Эти методы обладают более высокой специфичностью, по сравнению с акрифлавиновой пробой. К их недостаткам следует отнести необходимость получения чистых культур, невозможность типирования бескапсульных вариантов Р. multocida, длительность и трудоемкость.
Наиболее приемлемым, с точки зрения описанных недостатков и принятым за прототип, является способ, основанный на мультиплексной ПЦР для выявления Р. multocida и одновременного типирования капсульных групп А, В, D, E, F при помощи специфических праймеров: CAPA-F 5′-TGCCAAAATCGCAGTCAG-3′, CAPA-R5′-TTGCCATCATTGTCAGTG-3′, CAPB-F 5′-CATTTATCCAAGCTCCACC-3′, САРВ-R 5′-GCCCGAGAGTTTCAATCC-3′, CAPD-F 5′-TTACAAAAGAAAGACTAGGAGCCC-3′, CAPD-R 5′-CATCTACCCACTCAACCATATCAG-3′, CAPE-F 5′-TCCGCAGAAAATTATTGACTC-3′, CAPE-R 5′- GCTTGCTTGATTTTGTC-3′, CAPF-F 5′-AATCGGAGAACGCAGAAATCA-3, CAPF-R 5′-TTCCGCC-GTCAATTACTCTG-3′, KMT1T7- 5′-ATCCGCTATTTACCCAGTGG-3′ KMT1SP6 5′-GCTGTAAACGAACTCGCCAC-3′. В ходе реакции со штаммами и изолятами Р. multocida серогруппы D синтезируются 2 фрагмента, размером 460 и 657 п.н. (Townsend, K.M. Genetic organization of Pasteurella multocida cap loci and development of a multiplex capsular PCR typing system / K.M. Townsend, J.D. Boyce, J.Y. Chung, A.J. Frost, B. Adier // Journal of Clinical Microbiology. - 2001. - №39. - P.924-929).

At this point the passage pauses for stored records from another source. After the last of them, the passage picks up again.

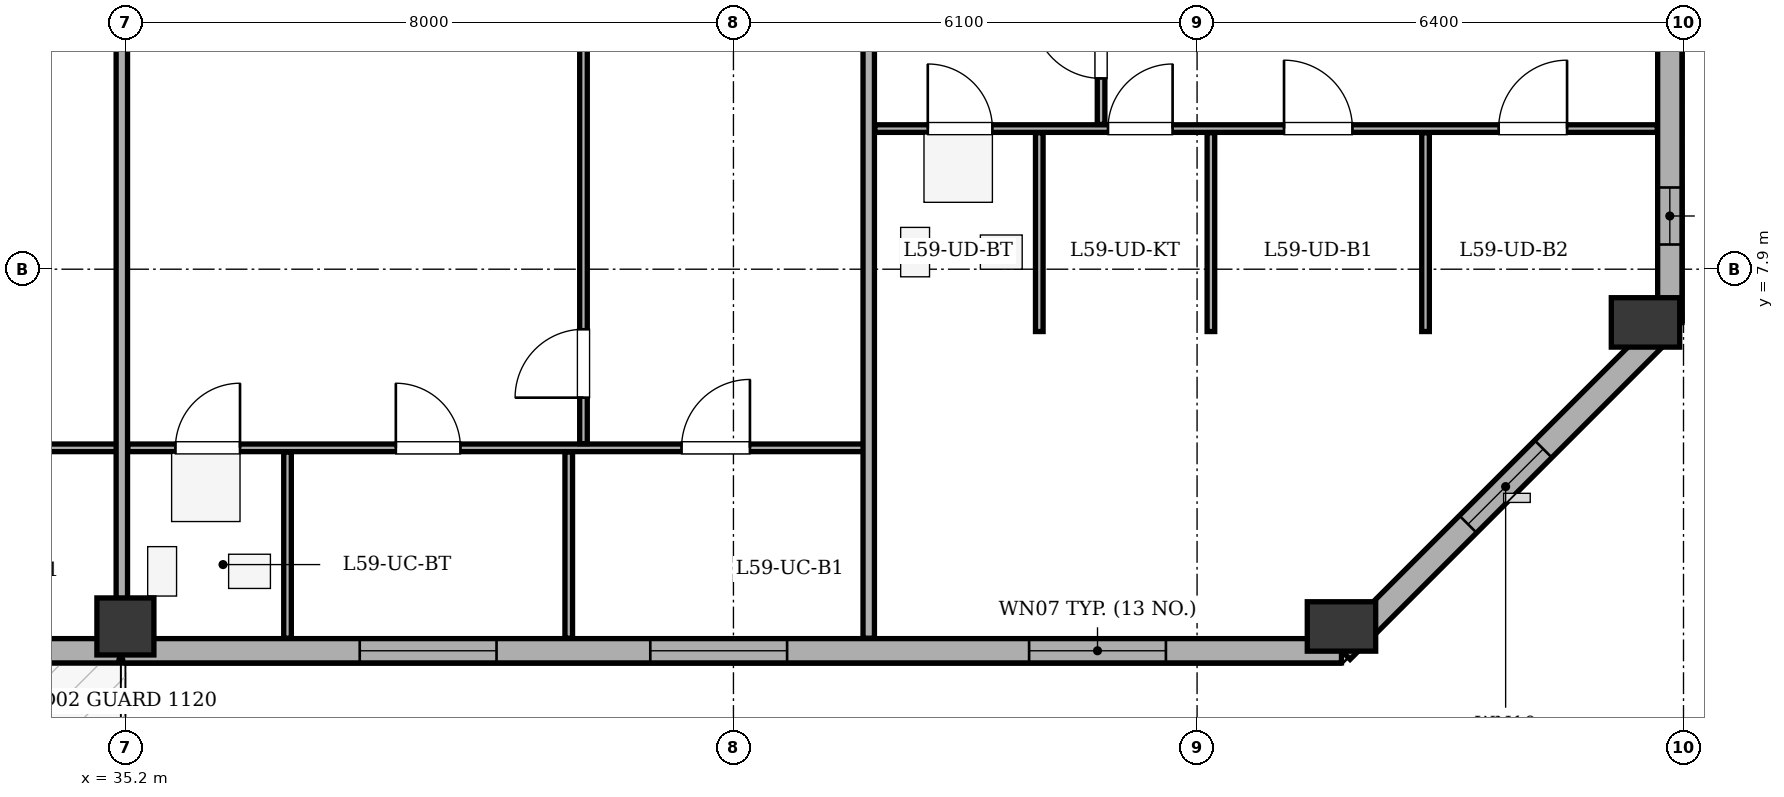
"""IFC4 building model, lengths in metres.
Left out: names, types, materials, properties, quantities, classifications, styles, units other than length and angle.
Written with IfcOpenShell. Run it as: python <this file> out.ifc"""

import sys

from ifc_helpers import new_model, si_unit, direction, frame, frame_2d, origin, origin_2d, place, context, subcontext, project, spatial, rectangle, extrude, element, fill, save


model = new_model("IFC4")
c1 = context("Model", 3, precision=1e-05, world=origin(), true_north=direction((0.0, 1.0)))
c2 = subcontext(c1, "Body", "Model", "MODEL_VIEW")
j1 = project(units=[si_unit("LENGTHUNIT", "METRE"), si_unit("PLANEANGLEUNIT", "RADIAN")], contexts=[c1])
p1 = place(None, origin())
s1 = spatial("IfcSite", under=j1, at=p1, CompositionType="ELEMENT")
p2 = place(p1, origin())
s2 = spatial("IfcBuilding", under=s1, at=p2, CompositionType="ELEMENT")
p3 = place(p2, frame((0.0, 0.0, 227.9)))
s3 = spatial("IfcBuildingStorey", under=s2, at=p3, CompositionType="ELEMENT", Elevation=227.9)
p4 = place(p3, frame((35.2, 3.2, 0.0), z_axis=(0.0, 0.0, 1.0), x_axis=(1.0, 0.0, 0.0)))
e1 = element("IfcColumn", 1, at=p4, inside=s3, PredefinedType="COLUMN", context=c2, shape_type="SweptSolid", body=[
    extrude(rectangle(XDim=0.75, YDim=0.75, at=origin_2d()), origin(), (0.0, 0.0, 1.0), 3.4),
])
for number, where, z_axis, x_axis in (
    (2, (51.2, 3.2, 0.0), (0.0, 0.0, 1.0), (1.0, 0.0, 0.0)),
    (3, (55.2, 7.2, 0.0), (0.0, 0.0, 1.0), (1.0, 0.0, 0.0)),
):
    element("IfcColumn", number, at=place(p3, frame(where, z_axis=z_axis, x_axis=x_axis)), inside=s3, PredefinedType="COLUMN", context=c2, shape_type="SweptSolid", body=[
        extrude(rectangle(XDim=0.65, YDim=0.9, at=origin_2d()), origin(), (0.0, 0.0, 1.0), 3.4),
    ])
p5 = place(p3, frame((51.2, 2.88, 0.0), z_axis=(0.0, 0.0, 1.0), x_axis=(-1.0, 0.0, 0.0)))
e4 = element("IfcWall", 4, at=p5, inside=s3, PredefinedType="STANDARD", context=c2, shape_type="SweptSolid", body=[
    extrude(rectangle(XDim=36.0, YDim=0.32, at=frame_2d((18.0, 0.0))), origin(), (0.0, 0.0, 1.0), 2.725),
])
p6 = place(p5, frame((18.9, 0.0, 0.0)))
e5 = element("IfcOpeningElement", 5, at=p6, cuts=e4, PredefinedType="OPENING", context=c2, shape_type="SweptSolid", body=[
    extrude(rectangle(XDim=1.0, YDim=2.02, at=frame_2d((0.5, 1.01))), frame((0.0, 0.17, 0.0), z_axis=(0.0, -1.0, 0.0), x_axis=(1.0, 0.0, 0.0)), (0.0, 0.0, 1.0), 0.34),
])
p7 = place(p5, frame((2.31, 0.0, 0.75)))
e6 = element("IfcOpeningElement", 6, at=p7, cuts=e4, PredefinedType="OPENING", context=c2, shape_type="SweptSolid", body=[
    extrude(rectangle(XDim=1.8, YDim=1.7, at=frame_2d((0.9, 0.85))), frame((0.0, 0.17, 0.0), z_axis=(0.0, -1.0, 0.0), x_axis=(1.0, 0.0, 0.0)), (0.0, 0.0, 1.0), 0.34),
])
p8 = place(p5, frame((7.294, 0.0, 0.75)))
e7 = element("IfcOpeningElement", 7, at=p8, cuts=e4, PredefinedType="OPENING", context=c2, shape_type="SweptSolid", body=[
    extrude(rectangle(XDim=1.8, YDim=1.7, at=frame_2d((0.9, 0.85))), frame((0.0, 0.17, 0.0), z_axis=(0.0, -1.0, 0.0), x_axis=(1.0, 0.0, 0.0)), (0.0, 0.0, 1.0), 0.34),
])
p9 = place(p5, frame((11.117, 0.0, 0.75)))
e8 = element("IfcOpeningElement", 8, at=p9, cuts=e4, PredefinedType="OPENING", context=c2, shape_type="SweptSolid", body=[
    extrude(rectangle(XDim=1.8, YDim=1.7, at=frame_2d((0.9, 0.85))), frame((0.0, 0.17, 0.0), z_axis=(0.0, -1.0, 0.0), x_axis=(1.0, 0.0, 0.0)), (0.0, 0.0, 1.0), 0.34),
])
p10 = place(p5, frame((27.473, 0.0, 0.75)))
e9 = element("IfcOpeningElement", 9, at=p10, cuts=e4, PredefinedType="OPENING", context=c2, shape_type="SweptSolid", body=[
    extrude(rectangle(XDim=1.8, YDim=1.7, at=frame_2d((0.9, 0.85))), frame((0.0, 0.17, 0.0), z_axis=(0.0, -1.0, 0.0), x_axis=(1.0, 0.0, 0.0)), (0.0, 0.0, 1.0), 0.34),
])
p11 = place(p5, frame((31.548, 0.0, 0.75)))
e10 = element("IfcOpeningElement", 10, at=p11, cuts=e4, PredefinedType="OPENING", context=c2, shape_type="SweptSolid", body=[
    extrude(rectangle(XDim=1.25, YDim=1.7, at=frame_2d((0.625, 0.85))), frame((0.0, 0.17, 0.0), z_axis=(0.0, -1.0, 0.0), x_axis=(1.0, 0.0, 0.0)), (0.0, 0.0, 1.0), 0.34),
])
p12 = place(p3, frame((55.52, 35.0, 0.0), z_axis=(0.0, 0.0, 1.0), x_axis=(0.0, -1.0, 0.0)))
e11 = element("IfcWall", 11, at=p12, inside=s3, PredefinedType="STANDARD", context=c2, shape_type="SweptSolid", body=[
    extrude(rectangle(XDim=27.8, YDim=0.32, at=frame_2d((13.9, 0.0))), origin(), (0.0, 0.0, 1.0), 2.725),
])
p13 = place(p12, frame((4.128, 0.0, 0.75)))
e12 = element("IfcOpeningElement", 12, at=p13, cuts=e11, PredefinedType="OPENING", context=c2, shape_type="SweptSolid", body=[
    extrude(rectangle(XDim=1.8, YDim=1.7, at=frame_2d((0.9, 0.85))), frame((0.0, 0.17, 0.0), z_axis=(0.0, -1.0, 0.0), x_axis=(1.0, 0.0, 0.0)), (0.0, 0.0, 1.0), 0.34),
])
p14 = place(p12, frame((9.472, 0.0, 0.75)))
e13 = element("IfcOpeningElement", 13, at=p14, cuts=e11, PredefinedType="OPENING", context=c2, shape_type="SweptSolid", body=[
    extrude(rectangle(XDim=2.2, YDim=1.7, at=frame_2d((1.1, 0.85))), frame((0.0, 0.17, 0.0), z_axis=(0.0, -1.0, 0.0), x_axis=(1.0, 0.0, 0.0)), (0.0, 0.0, 1.0), 0.34),
])
p15 = place(p12, frame((16.506, 0.0, 0.75)))
e14 = element("IfcOpeningElement", 14, at=p15, cuts=e11, PredefinedType="OPENING", context=c2, shape_type="SweptSolid", body=[
    extrude(rectangle(XDim=1.8, YDim=1.7, at=frame_2d((0.9, 0.85))), frame((0.0, 0.17, 0.0), z_axis=(0.0, -1.0, 0.0), x_axis=(1.0, 0.0, 0.0)), (0.0, 0.0, 1.0), 0.34),
])
p16 = place(p12, frame((21.069, 0.0, 0.75)))
e15 = element("IfcOpeningElement", 15, at=p16, cuts=e11, PredefinedType="OPENING", context=c2, shape_type="SweptSolid", body=[
    extrude(rectangle(XDim=2.2, YDim=1.7, at=frame_2d((1.1, 0.85))), frame((0.0, 0.17, 0.0), z_axis=(0.0, -1.0, 0.0), x_axis=(1.0, 0.0, 0.0)), (0.0, 0.0, 1.0), 0.34),
])
p17 = place(p12, frame((26.025, 0.0, 0.75)))
e16 = element("IfcOpeningElement", 16, at=p17, cuts=e11, PredefinedType="OPENING", context=c2, shape_type="SweptSolid", body=[
    extrude(rectangle(XDim=0.75, YDim=1.45, at=frame_2d((0.375, 0.725))), frame((0.0, 0.17, 0.0), z_axis=(0.0, -1.0, 0.0), x_axis=(1.0, 0.0, 0.0)), (0.0, 0.0, 1.0), 0.34),
])
p18 = place(p3, frame((55.52, 7.2, 0.0), z_axis=(0.0, 0.0, 1.0), x_axis=(-0.707106781187, -0.707106781187, 0.0)))
e17 = element("IfcWall", 17, at=p18, inside=s3, PredefinedType="STANDARD", context=c2, shape_type="SweptSolid", body=[
    extrude(rectangle(XDim=6.11, YDim=0.32, at=frame_2d((3.055, 0.0))), origin(), (0.0, 0.0, 1.0), 2.725),
])
p19 = place(p18, frame((2.355, 0.0, 0.75)))
e18 = element("IfcOpeningElement", 18, at=p19, cuts=e17, PredefinedType="OPENING", context=c2, shape_type="SweptSolid", body=[
    extrude(rectangle(XDim=1.4, YDim=1.65, at=frame_2d((0.7, 0.825))), frame((0.0, 0.17, 0.0), z_axis=(0.0, -1.0, 0.0), x_axis=(1.0, 0.0, 0.0)), (0.0, 0.0, 1.0), 0.34),
])
p20 = place(p3, frame((24.81, 5.55, 0.0), z_axis=(0.0, 0.0, 1.0), x_axis=(1.0, 0.0, 0.0)))
e19 = element("IfcWall", 19, at=p20, inside=s3, PredefinedType="PARTITIONING", context=c2, shape_type="SweptSolid", body=[
    extrude(rectangle(XDim=10.383, YDim=0.1, at=frame_2d((5.191, 0.0))), origin(), (0.0, 0.0, 1.0), 3.1),
])
p21 = place(p20, frame((0.625, 0.0, 0.0)))
e20 = element("IfcOpeningElement", 20, at=p21, cuts=e19, PredefinedType="OPENING", context=c2, shape_type="SweptSolid", body=[
    extrude(rectangle(XDim=0.85, YDim=2.05, at=frame_2d((0.425, 1.025))), frame((0.0, 0.06, 0.0), z_axis=(0.0, -1.0, 0.0), x_axis=(1.0, 0.0, 0.0)), (0.0, 0.0, 1.0), 0.12),
])
p22 = place(p20, frame((3.704, 0.0, 0.0)))
e21 = element("IfcOpeningElement", 21, at=p22, cuts=e19, PredefinedType="OPENING", context=c2, shape_type="SweptSolid", body=[
    extrude(rectangle(XDim=0.85, YDim=2.05, at=frame_2d((0.425, 1.025))), frame((0.0, 0.06, 0.0), z_axis=(0.0, -1.0, 0.0), x_axis=(1.0, 0.0, 0.0)), (0.0, 0.0, 1.0), 0.12),
])
p23 = place(p20, frame((7.761, 0.0, 0.0)))
e22 = element("IfcOpeningElement", 22, at=p23, cuts=e19, PredefinedType="OPENING", context=c2, shape_type="SweptSolid", body=[
    extrude(rectangle(XDim=0.9, YDim=2.05, at=frame_2d((0.45, 1.025))), frame((0.0, 0.06, 0.0), z_axis=(0.0, -1.0, 0.0), x_axis=(1.0, 0.0, 0.0)), (0.0, 0.0, 1.0), 0.12),
])
p24 = place(p3, frame((35.153, 3.045, 0.0), z_axis=(0.0, 0.0, 1.0), x_axis=(0.0, 1.0, 0.0)))
e23 = element("IfcWall", 23, at=p24, inside=s3, PredefinedType="PARTITIONING", context=c2, shape_type="SweptSolid", body=[
    extrude(rectangle(XDim=15.255, YDim=0.15, at=frame_2d((7.627, 0.0))), origin(), (0.0, 0.0, 1.0), 2.535),
])
p25 = place(p3, frame((35.233, 5.55, 0.0), z_axis=(0.0, 0.0, 1.0), x_axis=(1.0, 0.0, 0.0)))
e24 = element("IfcWall", 24, at=p25, inside=s3, PredefinedType="PARTITIONING", context=c2, shape_type="SweptSolid", body=[
    extrude(rectangle(XDim=9.787, YDim=0.1, at=frame_2d((4.894, 0.0))), origin(), (0.0, 0.0, 1.0), 3.1),
])
p26 = place(p25, frame((0.625, 0.0, 0.0)))
e25 = element("IfcOpeningElement", 25, at=p26, cuts=e24, PredefinedType="OPENING", context=c2, shape_type="SweptSolid", body=[
    extrude(rectangle(XDim=0.85, YDim=2.05, at=frame_2d((0.425, 1.025))), frame((0.0, 0.06, 0.0), z_axis=(0.0, -1.0, 0.0), x_axis=(1.0, 0.0, 0.0)), (0.0, 0.0, 1.0), 0.12),
])
p27 = place(p25, frame((3.525, 0.0, 0.0)))
e26 = element("IfcOpeningElement", 26, at=p27, cuts=e24, PredefinedType="OPENING", context=c2, shape_type="SweptSolid", body=[
    extrude(rectangle(XDim=0.85, YDim=2.05, at=frame_2d((0.425, 1.025))), frame((0.0, 0.06, 0.0), z_axis=(0.0, -1.0, 0.0), x_axis=(1.0, 0.0, 0.0)), (0.0, 0.0, 1.0), 0.12),
])
p28 = place(p25, frame((7.284, 0.0, 0.0)))
e27 = element("IfcOpeningElement", 27, at=p28, cuts=e24, PredefinedType="OPENING", context=c2, shape_type="SweptSolid", body=[
    extrude(rectangle(XDim=0.9, YDim=2.05, at=frame_2d((0.45, 1.025))), frame((0.0, 0.06, 0.0), z_axis=(0.0, -1.0, 0.0), x_axis=(1.0, 0.0, 0.0)), (0.0, 0.0, 1.0), 0.12),
])
p29 = place(p3, frame((41.227, 5.605, 0.0), z_axis=(0.0, 0.0, 1.0), x_axis=(0.0, 1.0, 0.0)))
e28 = element("IfcWall", 28, at=p29, inside=s3, PredefinedType="PARTITIONING", context=c2, shape_type="SweptSolid", body=[
    extrude(rectangle(XDim=12.695, YDim=0.1, at=frame_2d((6.348, 0.0))), origin(), (0.0, 0.0, 1.0), 3.1),
])
p30 = place(p29, frame((0.605, 0.0, 0.0)))
e29 = element("IfcOpeningElement", 29, at=p30, cuts=e28, PredefinedType="OPENING", context=c2, shape_type="SweptSolid", body=[
    extrude(rectangle(XDim=0.9, YDim=2.05, at=frame_2d((0.45, 1.025))), frame((0.0, 0.06, 0.0), z_axis=(0.0, -1.0, 0.0), x_axis=(1.0, 0.0, 0.0)), (0.0, 0.0, 1.0), 0.12),
])
for number, where, z_axis, x_axis in (
    (30, (37.333, 3.045, 0.0), (0.0, 0.0, 1.0), (0.0, 1.0, 0.0)),
    (31, (41.033, 3.045, 0.0), (0.0, 0.0, 1.0), (0.0, 1.0, 0.0)),
):
    element("IfcWall", number, at=place(p3, frame(where, z_axis=z_axis, x_axis=x_axis)), inside=s3, PredefinedType="PARTITIONING", context=c2, shape_type="SweptSolid", body=[
        extrude(rectangle(XDim=2.45, YDim=0.1, at=frame_2d((1.225, 0.0))), origin(), (0.0, 0.0, 1.0), 3.1),
    ])
p31 = place(p3, frame((44.98, 3.045, 0.0), z_axis=(0.0, 0.0, 1.0), x_axis=(0.0, 1.0, 0.0)))
e32 = element("IfcWall", 32, at=p31, inside=s3, PredefinedType="PARTITIONING", context=c2, shape_type="SweptSolid", body=[
    extrude(rectangle(XDim=15.255, YDim=0.15, at=frame_2d((7.627, 0.0))), origin(), (0.0, 0.0, 1.0), 2.725),
])
p32 = place(p3, frame((45.06, 9.75, 0.0), z_axis=(0.0, 0.0, 1.0), x_axis=(1.0, 0.0, 0.0)))
e33 = element("IfcWall", 33, at=p32, inside=s3, PredefinedType="PARTITIONING", context=c2, shape_type="SweptSolid", body=[
    extrude(rectangle(XDim=10.295, YDim=0.1, at=frame_2d((5.147, 0.0))), origin(), (0.0, 0.0, 1.0), 3.1),
])
p33 = place(p32, frame((0.697, 0.0, 0.0)))
e34 = element("IfcOpeningElement", 34, at=p33, cuts=e33, PredefinedType="OPENING", context=c2, shape_type="SweptSolid", body=[
    extrude(rectangle(XDim=0.85, YDim=2.05, at=frame_2d((0.425, 1.025))), frame((0.0, 0.06, 0.0), z_axis=(0.0, -1.0, 0.0), x_axis=(1.0, 0.0, 0.0)), (0.0, 0.0, 1.0), 0.12),
])
p34 = place(p32, frame((3.068, 0.0, 0.0)))
e35 = element("IfcOpeningElement", 35, at=p34, cuts=e33, PredefinedType="OPENING", context=c2, shape_type="SweptSolid", body=[
    extrude(rectangle(XDim=0.85, YDim=2.05, at=frame_2d((0.425, 1.025))), frame((0.0, 0.06, 0.0), z_axis=(0.0, -1.0, 0.0), x_axis=(1.0, 0.0, 0.0)), (0.0, 0.0, 1.0), 0.12),
])
p35 = place(p32, frame((5.384, 0.0, 0.0)))
e36 = element("IfcOpeningElement", 36, at=p35, cuts=e33, PredefinedType="OPENING", context=c2, shape_type="SweptSolid", body=[
    extrude(rectangle(XDim=0.9, YDim=2.05, at=frame_2d((0.45, 1.025))), frame((0.0, 0.06, 0.0), z_axis=(0.0, -1.0, 0.0), x_axis=(1.0, 0.0, 0.0)), (0.0, 0.0, 1.0), 0.12),
])
p36 = place(p32, frame((8.208, 0.0, 0.0)))
e37 = element("IfcOpeningElement", 37, at=p36, cuts=e33, PredefinedType="OPENING", context=c2, shape_type="SweptSolid", body=[
    extrude(rectangle(XDim=0.9, YDim=2.05, at=frame_2d((0.45, 1.025))), frame((0.0, 0.06, 0.0), z_axis=(0.0, -1.0, 0.0), x_axis=(1.0, 0.0, 0.0)), (0.0, 0.0, 1.0), 0.12),
])
p37 = place(p3, frame((48.037, 9.805, 0.0), z_axis=(0.0, 0.0, 1.0), x_axis=(0.0, 1.0, 0.0)))
e38 = element("IfcWall", 38, at=p37, inside=s3, PredefinedType="PARTITIONING", context=c2, shape_type="SweptSolid", body=[
    extrude(rectangle(XDim=27.065, YDim=0.1, at=frame_2d((13.533, 0.0))), origin(), (0.0, 0.0, 1.0), 3.1),
])
p38 = place(p37, frame((0.605, 0.0, 0.0)))
e39 = element("IfcOpeningElement", 39, at=p38, cuts=e38, PredefinedType="OPENING", context=c2, shape_type="SweptSolid", body=[
    extrude(rectangle(XDim=0.9, YDim=2.05, at=frame_2d((0.45, 1.025))), frame((0.0, 0.06, 0.0), z_axis=(0.0, -1.0, 0.0), x_axis=(1.0, 0.0, 0.0)), (0.0, 0.0, 1.0), 0.12),
])
for number, where, z_axis, x_axis in (
    (40, (47.224, 7.08, 0.0), (0.0, 0.0, 1.0), (0.0, 1.0, 0.0)),
    (41, (49.482, 7.08, 0.0), (0.0, 0.0, 1.0), (0.0, 1.0, 0.0)),
):
    element("IfcWall", number, at=place(p3, frame(where, z_axis=z_axis, x_axis=x_axis)), inside=s3, PredefinedType="PARTITIONING", context=c2, shape_type="SweptSolid", body=[
        extrude(rectangle(XDim=2.615, YDim=0.1, at=frame_2d((1.308, 0.0))), origin(), (0.0, 0.0, 1.0), 2.725),
    ])
p39 = place(p3, frame((52.306, 7.08, 0.0), z_axis=(0.0, 0.0, 1.0), x_axis=(0.0, 1.0, 0.0)))
e42 = element("IfcWall", 42, at=p39, inside=s3, PredefinedType="PARTITIONING", context=c2, shape_type="SweptSolid", body=[
    extrude(rectangle(XDim=2.615, YDim=0.1, at=frame_2d((1.308, 0.0))), origin(), (0.0, 0.0, 1.0), 3.1),
])
p40 = place(p7, origin())
e43 = element("IfcWindow", 43, at=p40, inside=s3, PartitioningType="SINGLE_PANEL", PredefinedType="WINDOW", context=c2, shape_type="SweptSolid", body=[
    extrude(rectangle(XDim=1.8, YDim=1.7, at=frame_2d((0.9, 0.85))), frame((0.0, -0.01, 0.0), z_axis=(0.0, -1.0, 0.0), x_axis=(1.0, 0.0, 0.0)), (0.0, 0.0, 1.0), 0.06),
])
fill(e6, e43)
p41 = place(p8, origin())
e44 = element("IfcWindow", 44, at=p41, inside=s3, PartitioningType="SINGLE_PANEL", PredefinedType="WINDOW", context=c2, shape_type="SweptSolid", body=[
    extrude(rectangle(XDim=1.8, YDim=1.7, at=frame_2d((0.9, 0.85))), frame((0.0, -0.01, 0.0), z_axis=(0.0, -1.0, 0.0), x_axis=(1.0, 0.0, 0.0)), (0.0, 0.0, 1.0), 0.06),
])
fill(e7, e44)
p42 = place(p9, origin())
e45 = element("IfcWindow", 45, at=p42, inside=s3, PartitioningType="SINGLE_PANEL", PredefinedType="WINDOW", context=c2, shape_type="SweptSolid", body=[
    extrude(rectangle(XDim=1.8, YDim=1.7, at=frame_2d((0.9, 0.85))), frame((0.0, -0.01, 0.0), z_axis=(0.0, -1.0, 0.0), x_axis=(1.0, 0.0, 0.0)), (0.0, 0.0, 1.0), 0.06),
])
fill(e8, e45)
p43 = place(p17, origin())
e46 = element("IfcWindow", 46, at=p43, inside=s3, PartitioningType="SINGLE_PANEL", PredefinedType="WINDOW", context=c2, shape_type="SweptSolid", body=[
    extrude(rectangle(XDim=0.75, YDim=1.45, at=frame_2d((0.375, 0.725))), frame((0.0, -0.01, 0.0), z_axis=(0.0, -1.0, 0.0), x_axis=(1.0, 0.0, 0.0)), (0.0, 0.0, 1.0), 0.06),
])
fill(e16, e46)
p44 = place(p19, origin())
e47 = element("IfcWindow", 47, at=p44, inside=s3, PartitioningType="SINGLE_PANEL", PredefinedType="WINDOW", context=c2, shape_type="SweptSolid", body=[
    extrude(rectangle(XDim=1.4, YDim=1.65, at=frame_2d((0.7, 0.825))), frame((0.0, -0.01, 0.0), z_axis=(0.0, -1.0, 0.0), x_axis=(1.0, 0.0, 0.0)), (0.0, 0.0, 1.0), 0.06),
])
fill(e18, e47)
p45 = place(p30, origin())
e48 = element("IfcDoor", 48, at=p45, inside=s3, OperationType="SINGLE_SWING_LEFT", PredefinedType="DOOR", context=c2, shape_type="SweptSolid", body=[
    extrude(rectangle(XDim=0.9, YDim=2.05, at=frame_2d((0.45, 1.025))), frame((0.0, 0.025, 0.0), z_axis=(0.0, -1.0, 0.0), x_axis=(1.0, 0.0, 0.0)), (0.0, 0.0, 1.0), 0.05),
])
fill(e29, e48)
p46 = place(p26, origin())
e49 = element("IfcDoor", 49, at=p46, inside=s3, OperationType="SINGLE_SWING_RIGHT", PredefinedType="DOOR", context=c2, shape_type="SweptSolid", body=[
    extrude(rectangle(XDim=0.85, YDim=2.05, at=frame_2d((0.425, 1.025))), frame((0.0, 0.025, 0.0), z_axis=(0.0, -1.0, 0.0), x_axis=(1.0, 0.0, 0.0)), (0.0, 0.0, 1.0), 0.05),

Способ используется в качестве быстрого альтернативного метода типирования и, в отличие от серологических методов, позволяет определять принадлежность к серогруппе бескапсульных вариантов бактерии. Как и любая мультиплексная ПЦР, данный способ имеет низкую чувствительность и предназначен только для типирования чистых культур.
Задачей изобретения является разработка высокоспецифичного и чувствительного способа на основе полимеразной цепной реакции (ПЦР), позволяющего идентифицировать штаммы и изоляты бактерии Pasteurella multocida серогруппы D у крупного рогатого скота в пробах патологического материала от больных животных, смешанных и чистых бактериальных культурах.
Поставленная задача решается тем, что подобраны и синтезированы синтетические олигонуклеотидные праймеры для идентификации штаммов и изолятов бактерии Pasteurella multocida серогруппы D у крупного рогатого скота, согласно изобретению, праймеры имеют нуклеотидные последовательности: SEQ ID NO:1-5′ catcgcatccagaatagcaaact 3′, SEQ ID NO:2-5′ ctccgatgctttggttgtg 3′.
Задача решается также тем, что в способе идентификации штаммов и изолятов бактерии Pasteurella multocida серогруппы D у крупного рогатого скота с помощью синтетических олигонуклеотидных праймеров в полимеразной цепной реакции, включающем выделение ДНК из проб биоматериала или бактериальных культур и проведение полимеразной цепной реакции, согласно изобретению, используют синтетические олигонуклеотидные праймеры SEQ ID NO:1-5′ catcgcatccagaatagcaaact 3′, SEQ ID NO:2-5′ ctccgatgctttggttgtg 3′, полимеразную цепную реакцию проводят в 1 раунд, при получении фрагмента, соответствующего размеру 355 п.н., диагностируют штаммы и изоляты бактерии Pasteurella multocida серогруппы D.
Изобретение иллюстрируется следующими примерами.
Пример 1. Получение синтетических олигонуклеотидных праймеров.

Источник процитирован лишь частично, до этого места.